Standard composites obtained by mixing active silicate materials with carbon black (15%) show extremely low reversible capacity as well (Fig. 12a and 12b). In this case, carbon additive does not provide sufficient electrical contact between active material grains. Due to this fact, even under low C/200 rate samples performed very poorly in charge/discharge tests.

Fig. 13-16 show cycling behavior of CCL composites with different amounts of carbon. Delithation of CCL composites after initial charging is in the range of 48-68% (charged CCL/Li₂MnSiO₄@600_12%C – correspond to composition Li_1.04MnSiO₄ and charged CCL/Li₂MnSiO₄@700_10%C – correspond to composition Li_0.64MnSiO₄).
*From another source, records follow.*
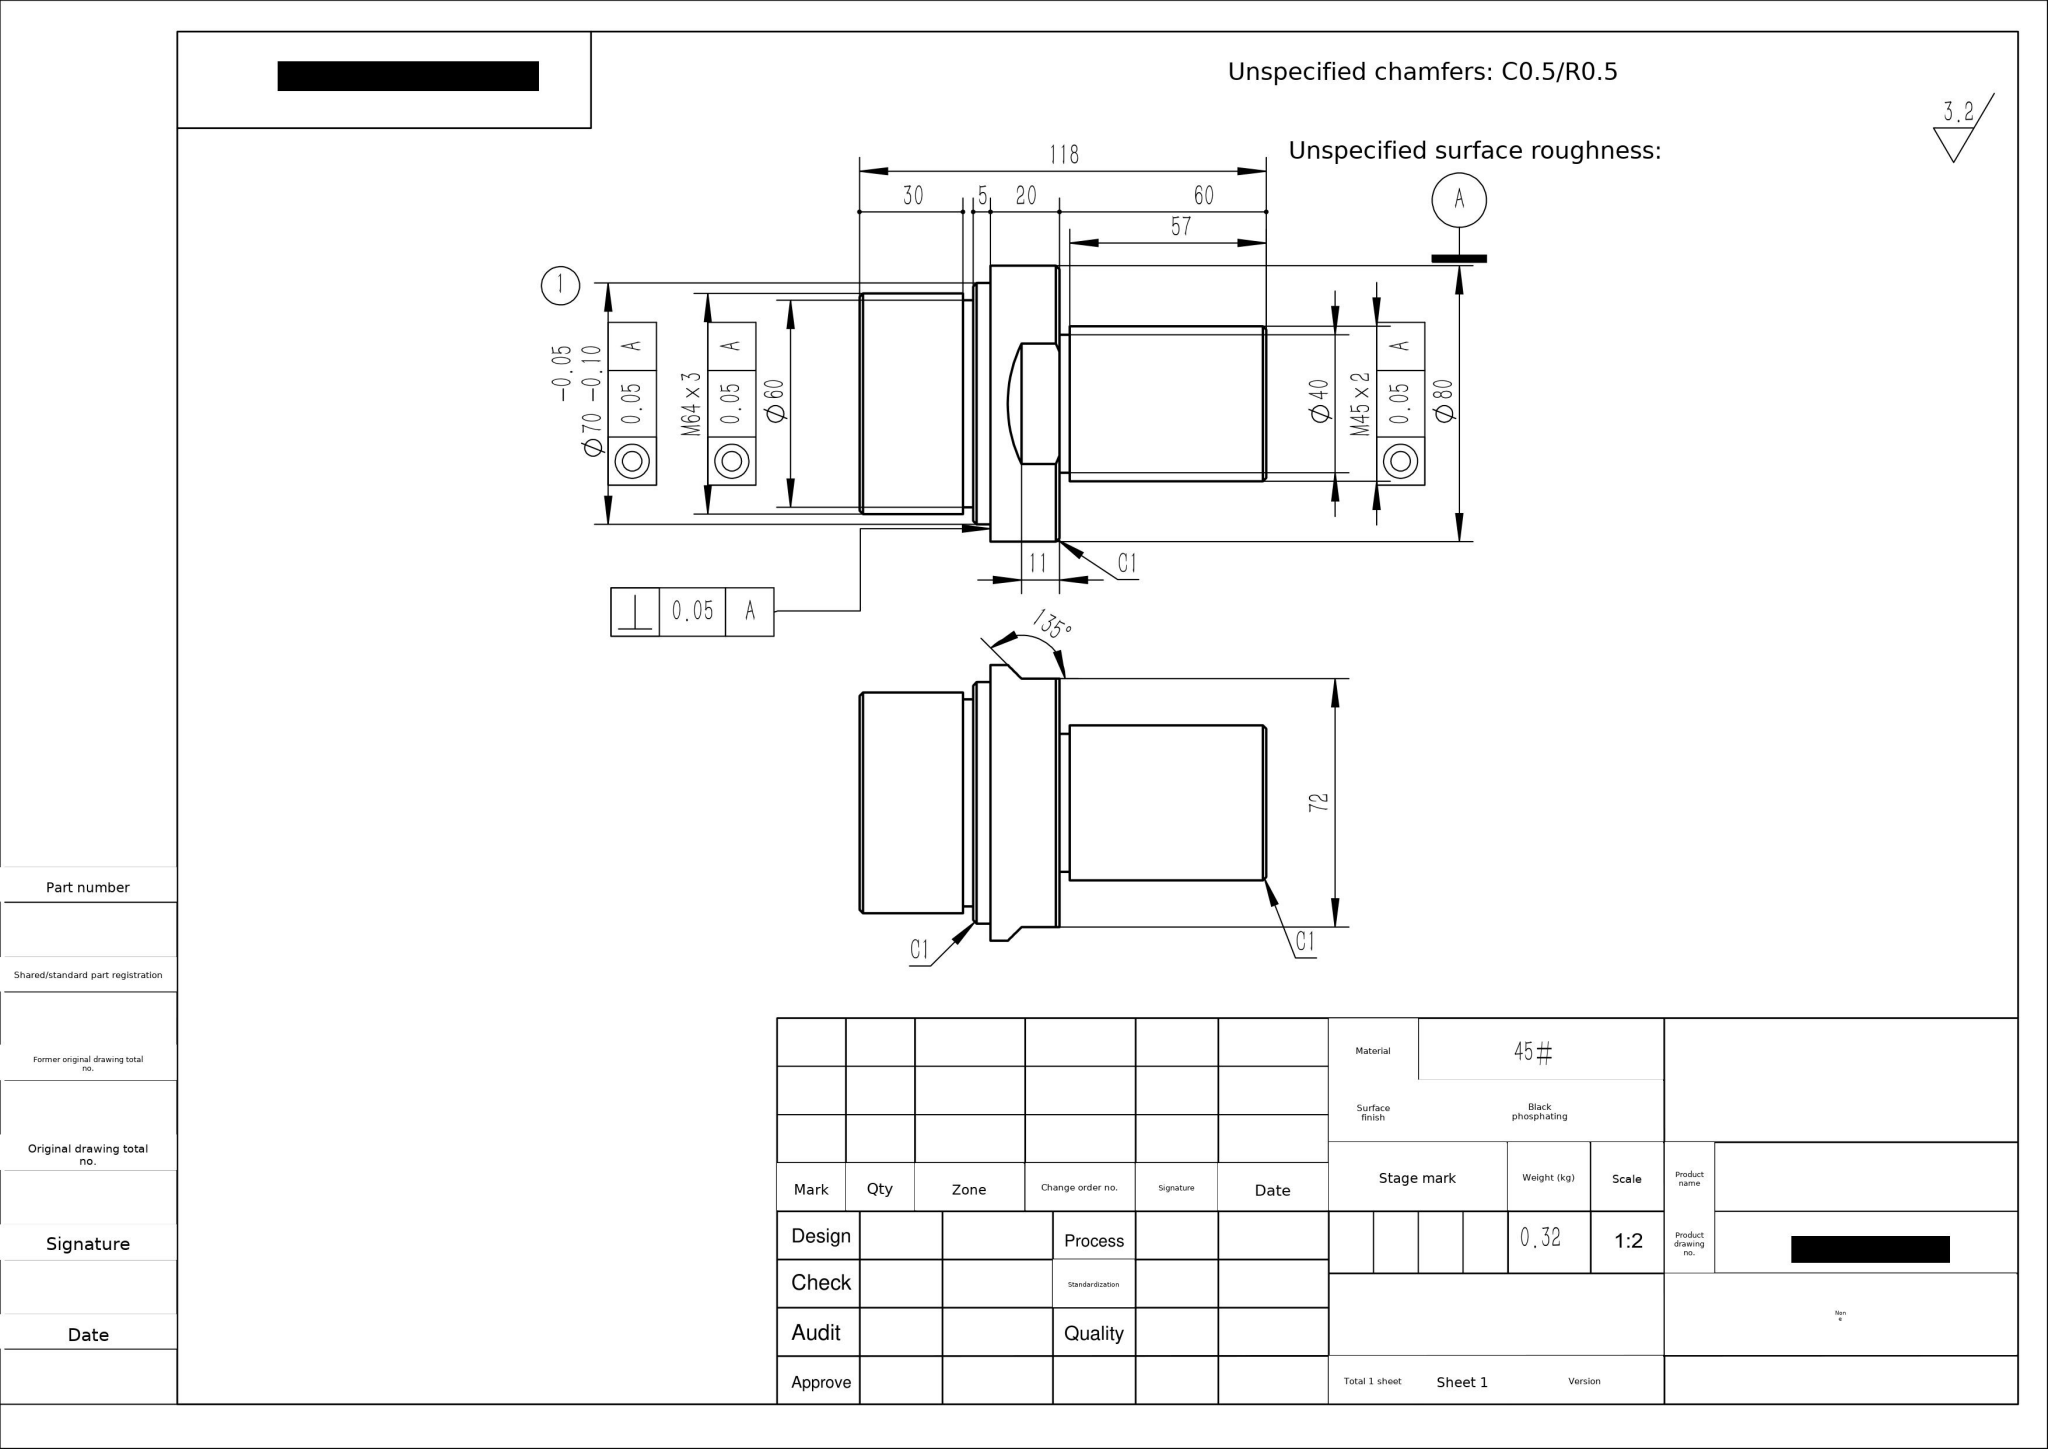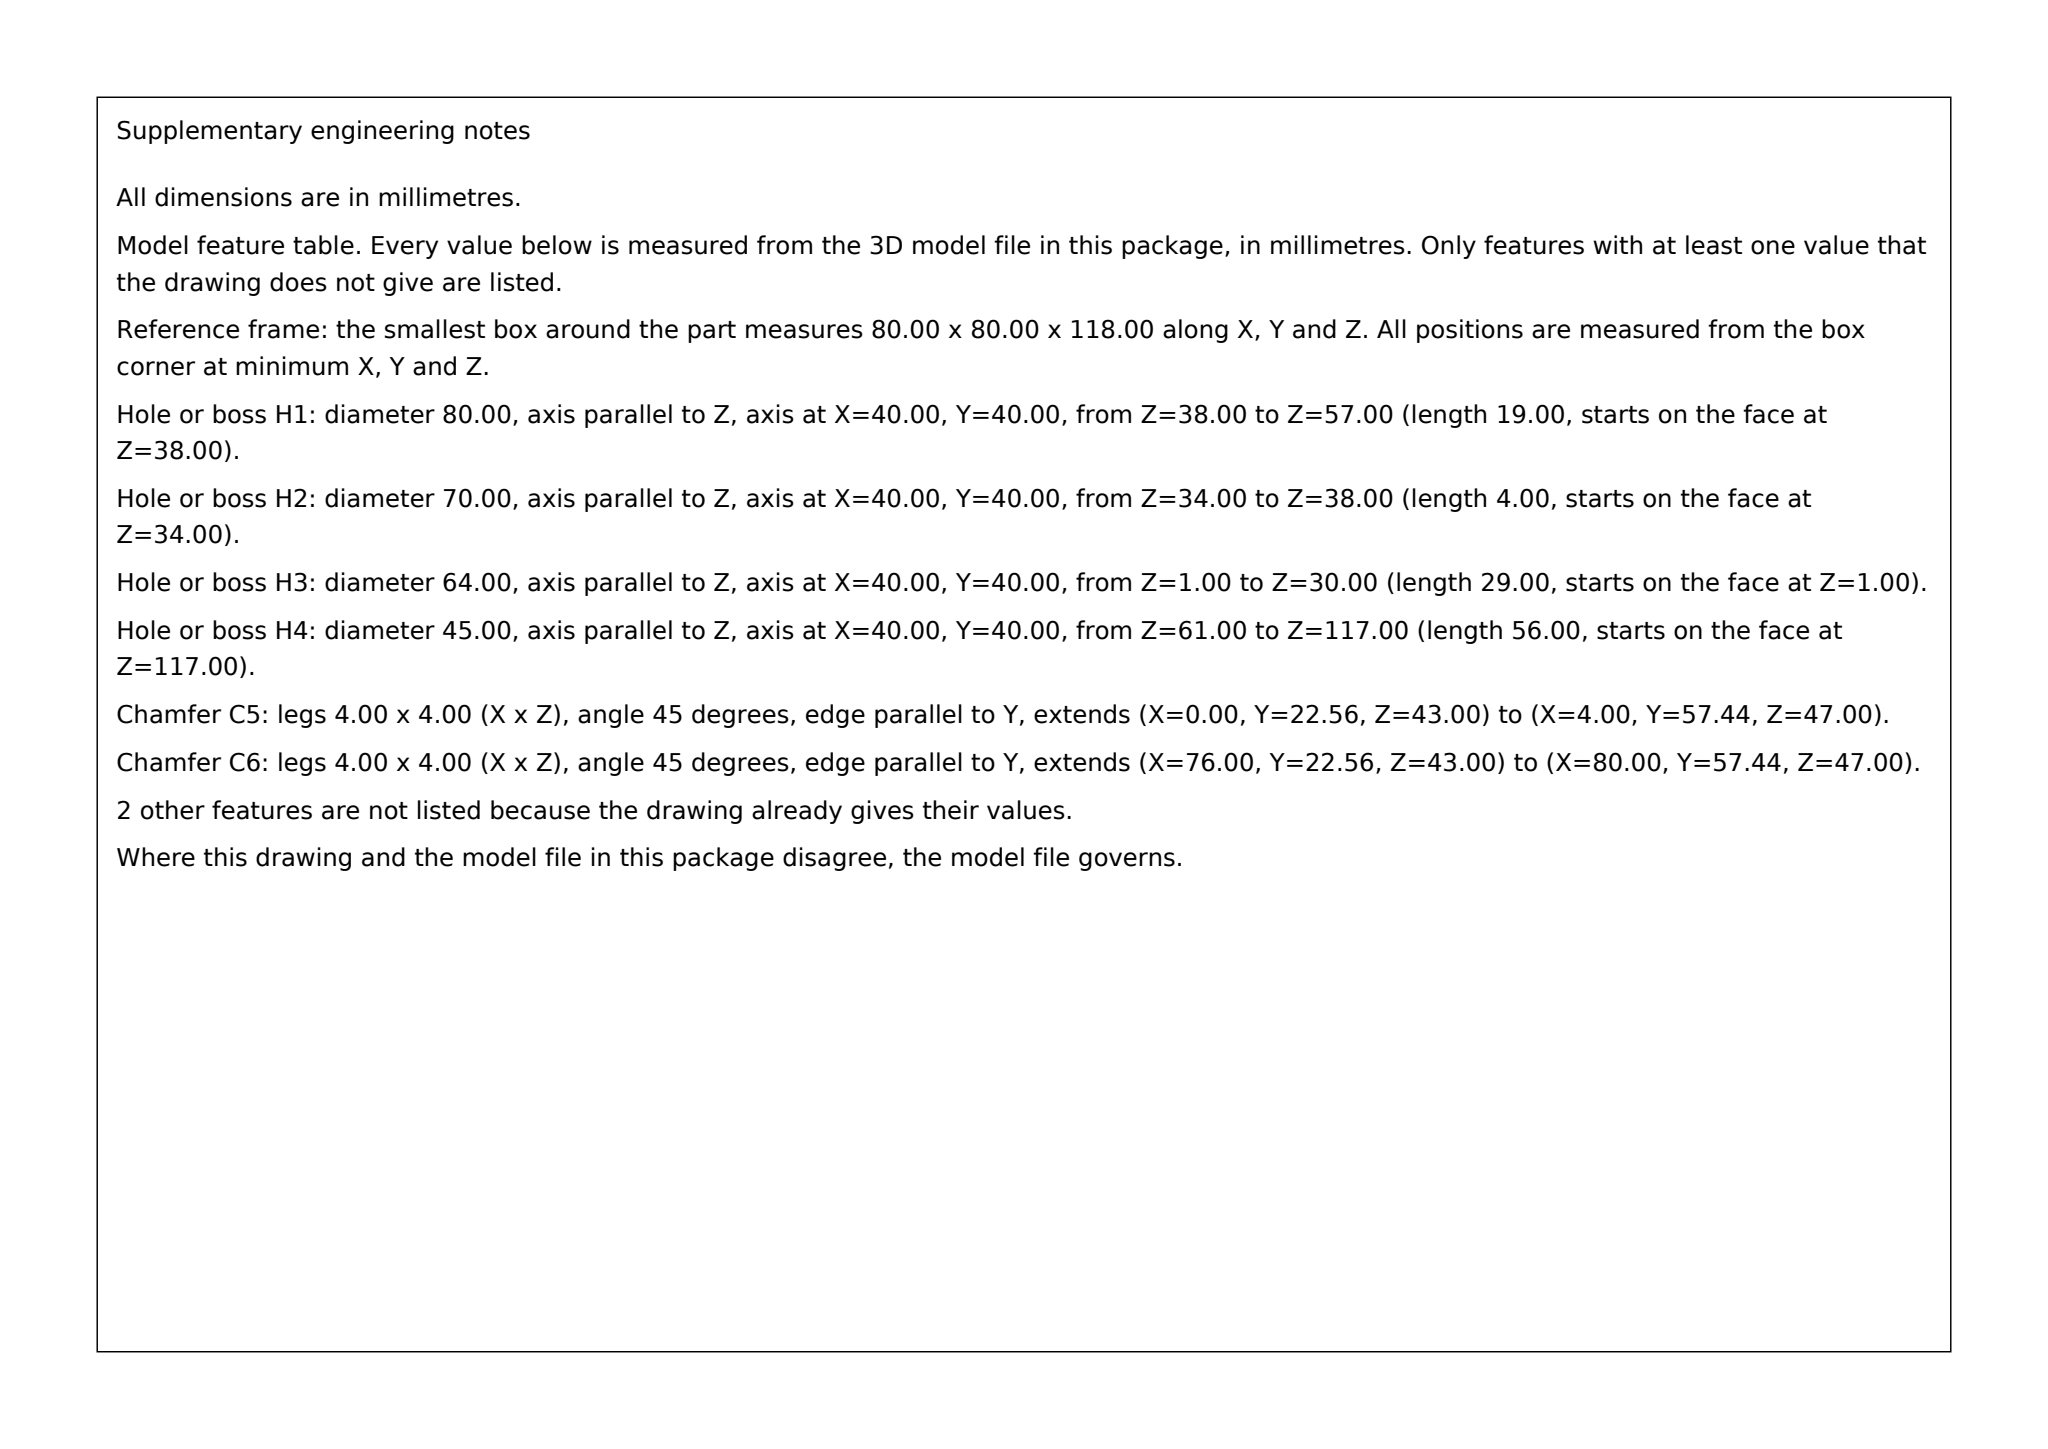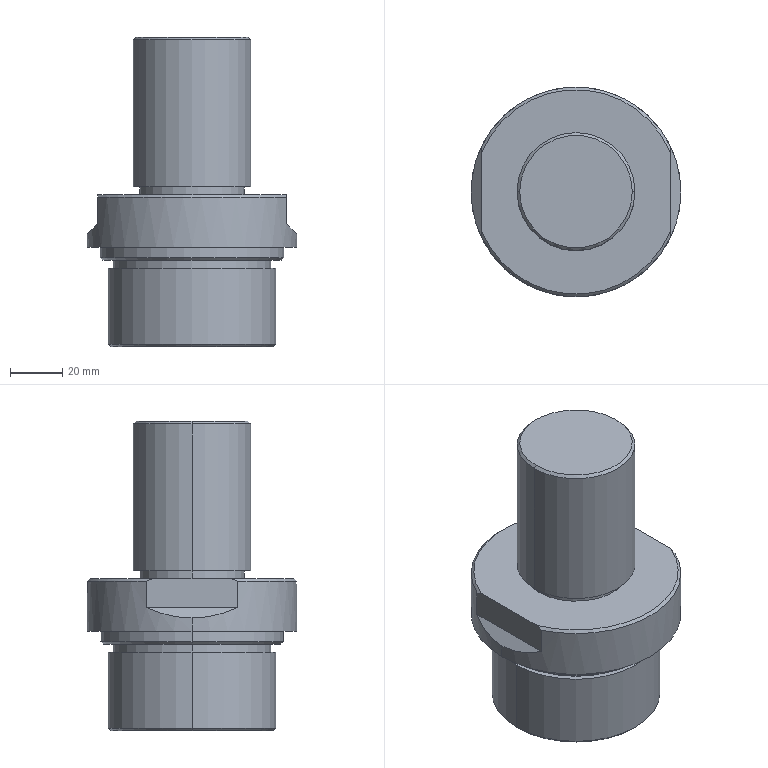Part | SolidWorks | mm | material 45# | 1 solid | 31 faces | box 80 x 80 x 118 mm | volume 316452 mm3 | cylinder 12 | plane 11 | cone 8 | commonest cylinder face diameters 45 x2 40 x2 80 x2 70 x2 60 x2 64 x2
STEP:
#1=CARTESIAN_POINT('',(21.5,0.,118.));
#2=VERTEX_POINT('',#1);
#3=CARTESIAN_POINT('',(-21.5,0.,118.));
#4=VERTEX_POINT('',#3);
#5=CARTESIAN_POINT('',(0.,0.,118.));
#6=DIRECTION('',(0.,0.,1.));
#7=DIRECTION('',(1.,0.,0.));
#8=AXIS2_PLACEMENT_3D('',#5,#6,#7);
#9=CIRCLE('',#8,21.5);
#10=EDGE_CURVE('',#2,#4,#9,.T.);
#11=ORIENTED_EDGE('',*,*,#10,.F.);
#12=CARTESIAN_POINT('',(22.5,0.,117.));
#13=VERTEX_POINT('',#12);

The observed capacity loss in the first cycles is related to SEI formation in CCL. During lithium extraction, Mn³⁺ and Mn⁴⁺ appear, and at the same time Li₂MnSiO₄ undergoes decomposition caused by Jahn-Teller distortion associated with changes in lattice parameters during Mn³⁺ → Mn⁴⁺ transition [30]. Despite the fact that crystalline structure collapses, discharge capacity is around 90-110 mAh/g. CCL composites produced from Li₂MnSiO₄ calcined at 600 °C exhibit better coulombic efficiency than Li₂MnSiO₄ calcined at 700 °C, the reversible capacity after 10 cycle is close to 100 mAh/g. The results indicate that coulombic efficiency of cathode material depends on grain size and homogeneity in grain size distribution, while cell capacity is limited by carbon coating performance.